Relationship between metabolic reprogramming and drug resistance in breast cancer

Abstract

Breast cancer is the leading cause of cancer death in women. At present, chemotherapy is the main method to treat breast cancer in addition to surgery and radiotherapy, but the process of chemotherapy is often accompanied by the development of drug resistance, which leads to a reduction in drug efficacy. Furthermore, mounting evidence indicates that drug resistance is caused by dysregulated cellular metabolism, and metabolic reprogramming, including enhanced glucose metabolism, fatty acid synthesis and glutamine metabolic rates, is one of the hallmarks of cancer. Changes in metabolism have been considered one of the most important causes of resistance to treatment, and knowledge of the mechanisms involved will help in identifying potential treatment deficiencies. To improve women's survival outcomes, it is vital to elucidate the relationship between metabolic reprogramming and drug resistance in breast cancer. This review analyzes and investigates the reprogramming of metabolism and resistance to breast cancer therapy, and the results offer promise for novel targeted and cell-based therapies.

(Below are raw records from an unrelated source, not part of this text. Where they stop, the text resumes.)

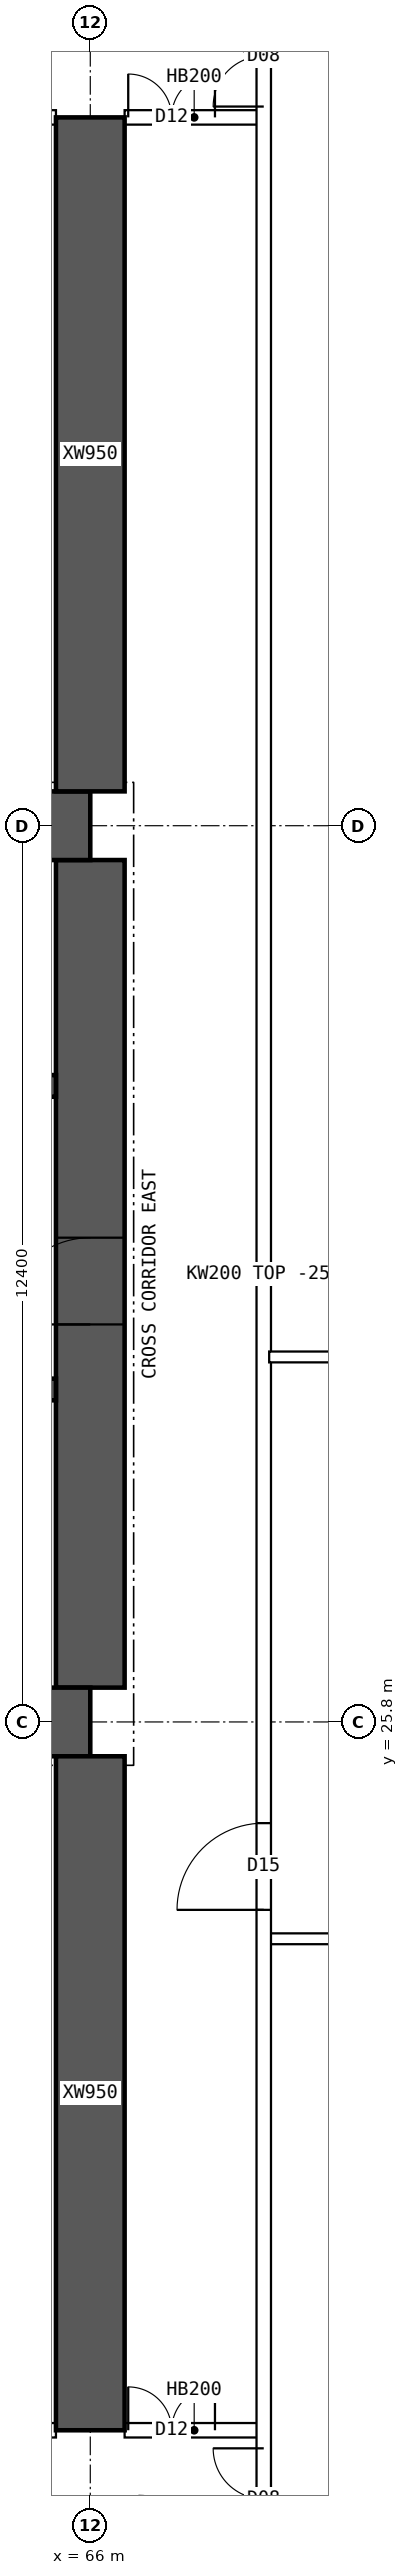
"""IFC4 building model, lengths in metres.
Left out: names, types, materials, properties, quantities, classifications, styles, units other than length and angle.
Written with IfcOpenShell. Run it as: python <this file> out.ifc"""

import sys

from ifc_helpers import new_model, si_unit, direction, frame, frame_2d, origin, place, context, subcontext, project, spatial, polyline, rectangle, outline, extrude, element, fill, save


model = new_model("IFC4")
c1 = context("Model", 3, precision=1e-05, world=origin(), true_north=direction((0.0, 1.0)))
c2 = subcontext(c1, "Body", "Model", "MODEL_VIEW")
j1 = project(units=[si_unit("LENGTHUNIT", "METRE"), si_unit("PLANEANGLEUNIT", "RADIAN")], contexts=[c1])
p1 = place(None, origin())
s1 = spatial("IfcSite", under=j1, at=p1, CompositionType="ELEMENT")
p2 = place(p1, origin())
s2 = spatial("IfcBuilding", under=s1, at=p2, CompositionType="ELEMENT")
p3 = place(p2, frame((0.0, 0.0, 121.9)))
s3 = spatial("IfcBuildingStorey", under=s2, at=p3, CompositionType="ELEMENT", Elevation=121.9)
for number, where, z_axis, x_axis in (
    (1, (18.0, 25.8, 0.0), (0.0, 0.0, 1.0), (1.0, 0.0, 0.0)),
    (2, (18.0, 38.2, 0.0), (0.0, 0.0, 1.0), (1.0, 0.0, 0.0)),
):
    element("IfcWall", number, at=place(p3, frame(where, z_axis=z_axis, x_axis=x_axis)), inside=s3, PredefinedType="SHEAR", context=c2, shape_type="SweptSolid", body=[
        extrude(rectangle(XDim=48.0, YDim=0.95, at=frame_2d((24.0, 0.0))), origin(), (0.0, 0.0, 1.0), 3.75),
    ])
p4 = place(p3, frame((66.0, 26.275, 0.0), z_axis=(0.0, 0.0, 1.0), x_axis=(0.0, 1.0, 0.0)))
e3 = element("IfcWall", 3, at=p4, inside=s3, PredefinedType="SHEAR", context=c2, shape_type="SweptSolid", body=[
    extrude(rectangle(XDim=11.45, YDim=0.95, at=frame_2d((5.725, 0.0))), origin(), (0.0, 0.0, 1.0), 3.75),
])
p5 = place(p4, frame((5.025, 0.0, 0.0)))
e4 = element("IfcOpeningElement", 4, at=p5, cuts=e3, PredefinedType="OPENING", context=c2, shape_type="SweptSolid", body=[
    extrude(rectangle(XDim=1.2, YDim=2.1, at=frame_2d((0.6, 1.05))), frame((0.0, 0.485, 0.0), z_axis=(0.0, -1.0, 0.0), x_axis=(1.0, 0.0, 0.0)), (0.0, 0.0, 1.0), 0.97),
])
p6 = place(p3, frame((18.475, 30.4, 0.0), z_axis=(0.0, 0.0, 1.0), x_axis=(1.0, 0.0, 0.0)))
e5 = element("IfcWall", 5, at=p6, inside=s3, PredefinedType="SHEAR", context=c2, shape_type="SweptSolid", body=[
    extrude(rectangle(XDim=47.05, YDim=0.3, at=frame_2d((23.525, 0.0))), origin(), (0.0, 0.0, 1.0), 3.75),
])
p7 = place(p6, frame((0.4, 0.0, 0.0)))
e6 = element("IfcOpeningElement", 6, at=p7, cuts=e5, PredefinedType="OPENING", context=c2, shape_type="SweptSolid", body=[
    extrude(rectangle(XDim=1.0, YDim=2.1, at=frame_2d((0.5, 1.05))), frame((0.0, 0.16, 0.0), z_axis=(0.0, -1.0, 0.0), x_axis=(1.0, 0.0, 0.0)), (0.0, 0.0, 1.0), 0.32),
])
p8 = place(p6, frame((45.65, 0.0, 0.0)))
e7 = element("IfcOpeningElement", 7, at=p8, cuts=e5, PredefinedType="OPENING", context=c2, shape_type="SweptSolid", body=[
    extrude(rectangle(XDim=1.0, YDim=2.1, at=frame_2d((0.5, 1.05))), frame((0.0, 0.16, 0.0), z_axis=(0.0, -1.0, 0.0), x_axis=(1.0, 0.0, 0.0)), (0.0, 0.0, 1.0), 0.32),
])
p9 = place(p6, frame((8.275, 0.0, 0.0)))
e8 = element("IfcOpeningElement", 8, at=p9, cuts=e5, PredefinedType="OPENING", context=c2, shape_type="SweptSolid", body=[
    extrude(rectangle(XDim=1.1, YDim=2.1, at=frame_2d((0.55, 1.05))), frame((0.0, 0.16, 0.0), z_axis=(0.0, -1.0, 0.0), x_axis=(1.0, 0.0, 0.0)), (0.0, 0.0, 1.0), 0.32),
])
p10 = place(p6, frame((10.875, 0.0, 0.0)))
e9 = element("IfcOpeningElement", 9, at=p10, cuts=e5, PredefinedType="OPENING", context=c2, shape_type="SweptSolid", body=[
    extrude(rectangle(XDim=1.1, YDim=2.1, at=frame_2d((0.55, 1.05))), frame((0.0, 0.16, 0.0), z_axis=(0.0, -1.0, 0.0), x_axis=(1.0, 0.0, 0.0)), (0.0, 0.0, 1.0), 0.32),
])
p11 = place(p6, frame((13.475, 0.0, 0.0)))
e10 = element("IfcOpeningElement", 10, at=p11, cuts=e5, PredefinedType="OPENING", context=c2, shape_type="SweptSolid", body=[
    extrude(rectangle(XDim=1.1, YDim=2.1, at=frame_2d((0.55, 1.05))), frame((0.0, 0.16, 0.0), z_axis=(0.0, -1.0, 0.0), x_axis=(1.0, 0.0, 0.0)), (0.0, 0.0, 1.0), 0.32),
])
p12 = place(p6, frame((16.075, 0.0, 0.0)))
e11 = element("IfcOpeningElement", 11, at=p12, cuts=e5, PredefinedType="OPENING", context=c2, shape_type="SweptSolid", body=[
    extrude(rectangle(XDim=1.1, YDim=2.1, at=frame_2d((0.55, 1.05))), frame((0.0, 0.16, 0.0), z_axis=(0.0, -1.0, 0.0), x_axis=(1.0, 0.0, 0.0)), (0.0, 0.0, 1.0), 0.32),
])
p13 = place(p6, frame((18.85, 0.0, 0.0)))
e12 = element("IfcOpeningElement", 12, at=p13, cuts=e5, PredefinedType="OPENING", context=c2, shape_type="SweptSolid", body=[
    extrude(rectangle(XDim=0.9, YDim=2.1, at=frame_2d((0.45, 1.05))), frame((0.0, 0.16, 0.0), z_axis=(0.0, -1.0, 0.0), x_axis=(1.0, 0.0, 0.0)), (0.0, 0.0, 1.0), 0.32),
])
p14 = place(p6, frame((30.142, 0.0, 0.0)))
e13 = element("IfcOpeningElement", 13, at=p14, cuts=e5, PredefinedType="OPENING", context=c2, shape_type="SweptSolid", body=[
    extrude(rectangle(XDim=1.1, YDim=2.1, at=frame_2d((0.55, 1.05))), frame((0.0, 0.16, 0.0), z_axis=(0.0, -1.0, 0.0), x_axis=(1.0, 0.0, 0.0)), (0.0, 0.0, 1.0), 0.32),
])
p15 = place(p6, frame((33.675, 0.0, 0.0)))
e14 = element("IfcOpeningElement", 14, at=p15, cuts=e5, PredefinedType="OPENING", context=c2, shape_type="SweptSolid", body=[
    extrude(rectangle(XDim=1.1, YDim=2.1, at=frame_2d((0.55, 1.05))), frame((0.0, 0.16, 0.0), z_axis=(0.0, -1.0, 0.0), x_axis=(1.0, 0.0, 0.0)), (0.0, 0.0, 1.0), 0.32),
])
p16 = place(p6, frame((37.208, 0.0, 0.0)))
e15 = element("IfcOpeningElement", 15, at=p16, cuts=e5, PredefinedType="OPENING", context=c2, shape_type="SweptSolid", body=[
    extrude(rectangle(XDim=1.1, YDim=2.1, at=frame_2d((0.55, 1.05))), frame((0.0, 0.16, 0.0), z_axis=(0.0, -1.0, 0.0), x_axis=(1.0, 0.0, 0.0)), (0.0, 0.0, 1.0), 0.32),
])
p17 = place(p3, frame((18.475, 34.6, 0.0), z_axis=(0.0, 0.0, 1.0), x_axis=(1.0, 0.0, 0.0)))
e16 = element("IfcWall", 16, at=p17, inside=s3, PredefinedType="SHEAR", context=c2, shape_type="SweptSolid", body=[
    extrude(rectangle(XDim=47.05, YDim=0.3, at=frame_2d((23.525, 0.0))), origin(), (0.0, 0.0, 1.0), 3.75),
])
p18 = place(p17, frame((0.9, 0.0, 0.0)))
e17 = element("IfcOpeningElement", 17, at=p18, cuts=e16, PredefinedType="OPENING", context=c2, shape_type="SweptSolid", body=[
    extrude(rectangle(XDim=1.1, YDim=2.1, at=frame_2d((0.55, 1.05))), frame((0.0, 0.16, 0.0), z_axis=(0.0, -1.0, 0.0), x_axis=(1.0, 0.0, 0.0)), (0.0, 0.0, 1.0), 0.32),
])
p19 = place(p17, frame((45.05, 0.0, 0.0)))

Keywords: Breast cancer; drug resistance; fatty acid synthesis; glucose metabolism; metabolic reprogramming.

Figure 1

Metabolic pathway in breast cancer cells. Reprogramming of the metabolism, including glucose metabolism, fatty acid synthesis, and amino acid metabolism. TCA, tricarboxylic acid cycle; G-6-P, glucose-6-phosphate; F6P, fructose-6-phosphate; F1,6P, fructose-1,6-bisphosphate; G-3-P, glyceraldehyde 3 phosphate; DHAP, dihydroxyacetone phosphate; 1,3-BPG, 1,3-bisphosphoglycerate, 3-PG, 3-phosphoglycerate; 2-PG, 2-phosphoglycerate; PEP, phosphoenolpyruvate; OAA, oxaloacetate; α-KG, α-ketoglutarate; GLUT, glucose transporter; HK, hexokinase; PKM2, pyruvate kinase isozyme type 2; LDHA, lactate dehydrogenase A; MCT1, monocarboxylate transporter 1; PDK, pyruvate dehydrogenase kinase; PDH, pyruvate dehydrogenase; acetyl-CoA carboxylase; FASN, fatty acid synthase; CPT1, carnitine palmitoyl transferase 1; 3PG, 3-phospho-glycerate; GSH, reduced glutathione; GLU, glutamate; GLUT, glucose transporter; PHGDH, phosphoglycerate dehydrogenase; PSAT1, phosphoserine aminotransferase 1; SLC1A5, solute carrier family 1 member 5; GLS, glutaminase; PSPH, 1-3-phosphoserine phosphatase; BCAAs, branched-chain amino acids; BCAT1, branched-chain amino acid transaminase 1; BCAT2, branched-chain amino acid transaminase 2; BCKA, branched-chain a-keto acid; MCD, malonyl-CoA decarboxylase; ACC, Acetyl-CoA carboxylase; MCT Monocarboxylate transporter.

Figure 2

Important role of mTOR related pathway in metabolic reorganization of breast cancer. PI3K and Ras regulate Akt and ERK, which in turn induce changes in intermediate metabolism to promote anabolic processes. Potential Notch signaling crosstalk with other pathways in breast cancer. In addition, they also induce the activation of mTORC1, thus further supporting the rewiring of cellular metabolism and anabolic metabolism progress. Through various mechanisms Akt, ERK and mTORC1 stimulate aerobic glycolysis, lipid synthesis, the pentose phosphate, oxidative phosphorylation, autophagy, thus producing the major components necessary for cell growth and proliferation. These networks of signaling cascades, their interconnection and regulation allow the cells to maintain energetic balance and allow for the physiological adaptation to the ever-changing environment.